Ем мясо и жена ест мясо. Очень сложно чувствовать себя сытым если мясо в той или иной форме не употребил. Надо рационально подходить к вегетарианству, у нас в Сибири и так недостаток витаминов и солнца, тут просто загнешься вегетарианцем (или надо много денег тратить на различную качественную "траву"). ИМХО.

----------

Читтадхаммо (24.08.2010)

----------


## Леонид Ш

> Отказ от употребления мяса в пищу это важнейшая часть практики Дхармы! 
> А почему? (Обсудим негативные стороны мясоедства...)
>  Если вы едите мясо то - автоматически:
> 
> 1) Вы автоматически способствуете убийству того  животного плоть и кровь которого вы поедаете!
> 2) Вы автоматически разрушаете эволюционный цикл духовного и физического развития животного!
> 3) Вы разрушате семью, ( так говоря об убистве крабов Будда говорил, что у них тоже как у людей есть семья), а значит причиняете сстрадания на уровне чувств любви( мать-дочь, отец- сын и т.д.).
> 4) Вы нарушаете экологическое равновесие планеты!
> 5) Вы нарушаете косвенно ахимсу.
> 6) Вы создаете почву для прорастания семян негативной кармы в связи с вышеизложенным саму негативную карму.

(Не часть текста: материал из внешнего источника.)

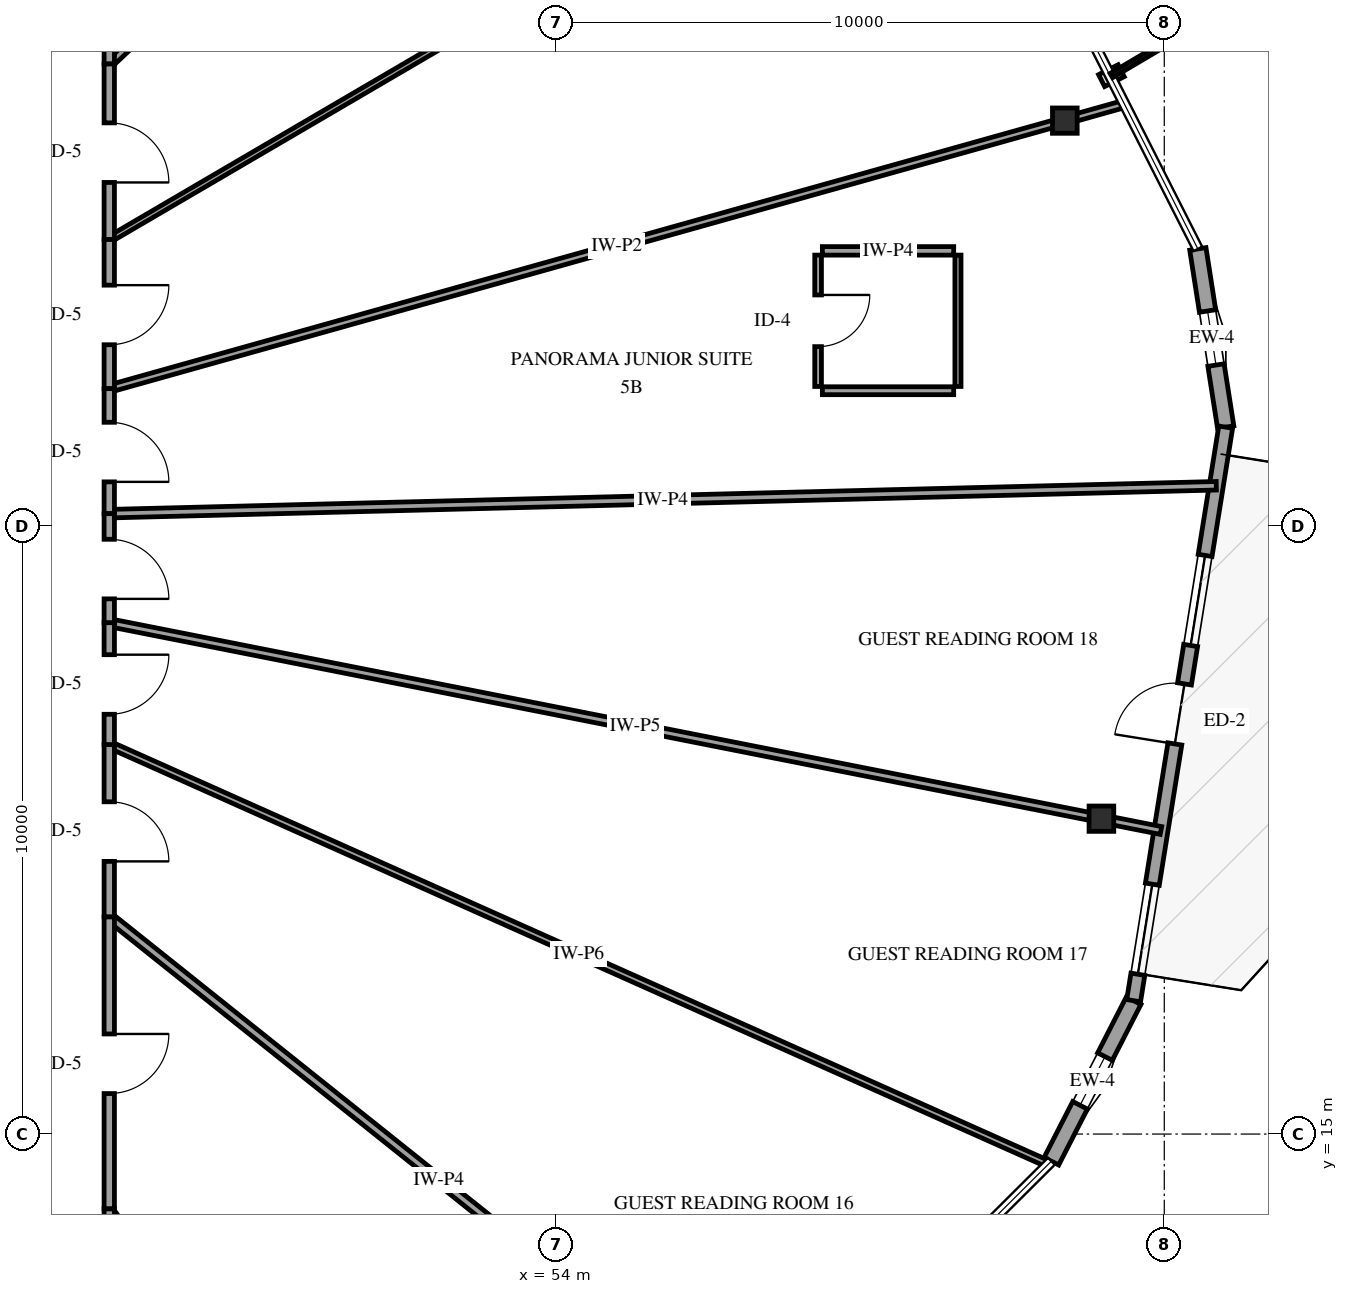
"""IFC4 building model, lengths in metres.
Left out: names, types, materials, properties, quantities, classifications, styles, units other than length and angle.
Written with IfcOpenShell. Run it as: python <this file> out.ifc"""

import sys

from ifc_helpers import new_model, si_unit, direction, frame, frame_2d, origin, origin_2d, place, context, subcontext, project, spatial, rectangle, i_section, extrude, element, fill, save


model = new_model("IFC4")
c1 = context("Model", 3, precision=1e-05, world=origin(), true_north=direction((0.0, 1.0)))
c2 = subcontext(c1, "Body", "Model", "MODEL_VIEW")
j1 = project(units=[si_unit("LENGTHUNIT", "METRE"), si_unit("PLANEANGLEUNIT", "RADIAN")], contexts=[c1])
p1 = place(None, origin())
s1 = spatial("IfcSite", under=j1, at=p1, CompositionType="ELEMENT")
p2 = place(p1, origin())
s2 = spatial("IfcBuilding", under=s1, at=p2, CompositionType="ELEMENT")
p3 = place(p2, frame((0.0, 0.0, 197.8)))
s3 = spatial("IfcBuildingStorey", under=s2, at=p3, CompositionType="ELEMENT", Elevation=197.8)
for number, where, z_axis, x_axis in (
    (1, (62.365, 31.666, 0.0), (0.0, 0.0, 1.0), (1.0, 0.0, 0.0)),
    (2, (62.966, 20.186, 0.0), (0.0, 0.0, 1.0), (1.0, 0.0, 0.0)),
):
    element("IfcColumn", number, at=place(p3, frame(where, z_axis=z_axis, x_axis=x_axis)), inside=s3, PredefinedType="COLUMN", context=c2, shape_type="SweptSolid", body=[
        extrude(i_section(OverallWidth=0.406, OverallDepth=0.416, WebThickness=0.03, FlangeThickness=0.048, FilletRadius=0.038, at=origin_2d()), origin(), (0.0, 0.0, 1.0), 3.6),
    ])
p4 = place(p3, frame((62.144, 14.553, 0.0), z_axis=(0.0, 0.0, 1.0), x_axis=(0.455850427724, 0.89005639571, 0.0)))
e3 = element("IfcWall", 3, at=p4, inside=s3, PredefinedType="SOLIDWALL", context=c2, shape_type="SweptSolid", body=[
    extrude(rectangle(XDim=2.967, YDim=0.27, at=frame_2d((1.483, 0.0))), origin(), (0.0, 0.0, 1.0), 2.679),
])
p5 = place(p4, frame((1.033, 0.0, 0.75)))
e4 = element("IfcOpeningElement", 4, at=p5, cuts=e3, PredefinedType="OPENING", context=c2, shape_type="SweptSolid", body=[
    extrude(rectangle(XDim=0.9, YDim=1.5, at=frame_2d((0.45, 0.75))), frame((0.0, 0.145, 0.0), z_axis=(0.0, -1.0, 0.0), x_axis=(1.0, 0.0, 0.0)), (0.0, 0.0, 1.0), 0.29),
])
p6 = place(p3, frame((65.01, 26.625, 0.0), z_axis=(0.0, 0.0, 1.0), x_axis=(-0.154301567716, 0.988023798398, 0.0)))
e5 = element("IfcWall", 5, at=p6, inside=s3, PredefinedType="SOLIDWALL", context=c2, shape_type="SweptSolid", body=[
    extrude(rectangle(XDim=2.967, YDim=0.27, at=frame_2d((1.483, 0.0))), origin(), (0.0, 0.0, 1.0), 2.679),
])
p7 = place(p6, frame((1.033, 0.0, 0.75)))
e6 = element("IfcOpeningElement", 6, at=p7, cuts=e5, PredefinedType="OPENING", context=c2, shape_type="SweptSolid", body=[
    extrude(rectangle(XDim=0.9, YDim=1.5, at=frame_2d((0.45, 0.75))), frame((0.0, 0.145, 0.0), z_axis=(0.0, -1.0, 0.0), x_axis=(1.0, 0.0, 0.0)), (0.0, 0.0, 1.0), 0.29),
])
p8 = place(p3, frame((63.496, 17.193, 0.0), z_axis=(0.0, 0.0, 1.0), x_axis=(0.158485894053, 0.987361241586, 0.0)))
e7 = element("IfcWall", 7, at=p8, inside=s3, PredefinedType="SOLIDWALL", context=c2, shape_type="SweptSolid", body=[
    extrude(rectangle(XDim=9.552, YDim=0.23, at=frame_2d((4.776, 0.0))), origin(), (0.0, 0.0, 1.0), 2.679),
])
p9 = place(p8, frame((4.276, 0.0, 0.0)))
e8 = element("IfcOpeningElement", 8, at=p9, cuts=e7, PredefinedType="OPENING", context=c2, shape_type="SweptSolid", body=[
    extrude(rectangle(XDim=1.0, YDim=2.15, at=frame_2d((0.5, 1.075))), frame((0.0, 0.125, 0.0), z_axis=(0.0, -1.0, 0.0), x_axis=(1.0, 0.0, 0.0)), (0.0, 0.0, 1.0), 0.25),
])
p10 = place(p8, frame((0.44, 0.0, 0.72)))
e9 = element("IfcOpeningElement", 9, at=p10, cuts=e7, PredefinedType="OPENING", context=c2, shape_type="SweptSolid", body=[
    extrude(rectangle(XDim=1.5, YDim=1.7, at=frame_2d((0.75, 0.85))), frame((0.0, 0.125, 0.0), z_axis=(0.0, -1.0, 0.0), x_axis=(1.0, 0.0, 0.0)), (0.0, 0.0, 1.0), 0.25),
])
p11 = place(p8, frame((5.916, 0.0, 0.72)))
e10 = element("IfcOpeningElement", 10, at=p11, cuts=e7, PredefinedType="OPENING", context=c2, shape_type="SweptSolid", body=[
    extrude(rectangle(XDim=1.5, YDim=1.7, at=frame_2d((0.75, 0.85))), frame((0.0, 0.125, 0.0), z_axis=(0.0, -1.0, 0.0), x_axis=(1.0, 0.0, 0.0)), (0.0, 0.0, 1.0), 0.25),
])
p12 = place(p3, frame((64.855, 25.661, 0.0), z_axis=(0.0, 0.0, 1.0), x_axis=(-0.999682331807, -0.025203878122, 0.0)))
e11 = element("IfcWall", 11, at=p12, inside=s3, PredefinedType="PARTITIONING", context=c2, shape_type="SweptSolid", body=[
    extrude(rectangle(XDim=18.211, YDim=0.14, at=frame_2d((9.105, 0.0))), origin(), (0.0, 0.0, 1.0), 3.3),
])
p13 = place(p3, frame((46.65, 23.41, 0.0), z_axis=(0.0, 0.0, 1.0), x_axis=(0.981026056524, -0.193875930483, 0.0)))
e12 = element("IfcWall", 12, at=p13, inside=s3, PredefinedType="PARTITIONING", context=c2, shape_type="SweptSolid", body=[
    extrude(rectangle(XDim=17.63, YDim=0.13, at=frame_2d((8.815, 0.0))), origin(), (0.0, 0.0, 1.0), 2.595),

> 1) Вы развиваете позитивное настроение, т.к. не употребляете адреналина(содержащегося в убитой плоти). А значит и создаете позитивную карму.
> 2)  Ваша плоть( тело) меньше стареет, в том числе мозг и сохраняются функции до глубокой старости... "Тело и ум становятся более легкими и более подвижными"...
> 3)  Вы развиваете в себе Великое Сотрадание практикуя вегетарианство, т.к. ничем не способствуете убийству, а в дальнешем даже Праджня- парамиту, т.е. Парамиту Запредельной Мудрости. Т.к. сострадание предтеча мудрости...
> 4) Вы выступаете против общества потребления, цель которого  только потреблять.
> 5) Правильный настрой и здоровье позволяют вам практиковать более четко и с полной самоотдачей, ведь ум становиться острее...
> 6) Вы способствуете эволюции других живых существ- т.к убийства ради еды нет...
> 7) Вы становитесь настоящим бодхисаттвой( естественно вегетарианства одного мало- нужно следовать всем практикам и пути), т.к. сказано выше практикуете посредством отказа сострадание и мудрость.
> 8) Вы реализуете "завещание Будды" , т.к. он (в Сутра-питаке), говорит об отказе мирян,или хотя бы монахов, от употребления мяса в пищу - т.к это способствует убийству. Достоинств множество! Это не все!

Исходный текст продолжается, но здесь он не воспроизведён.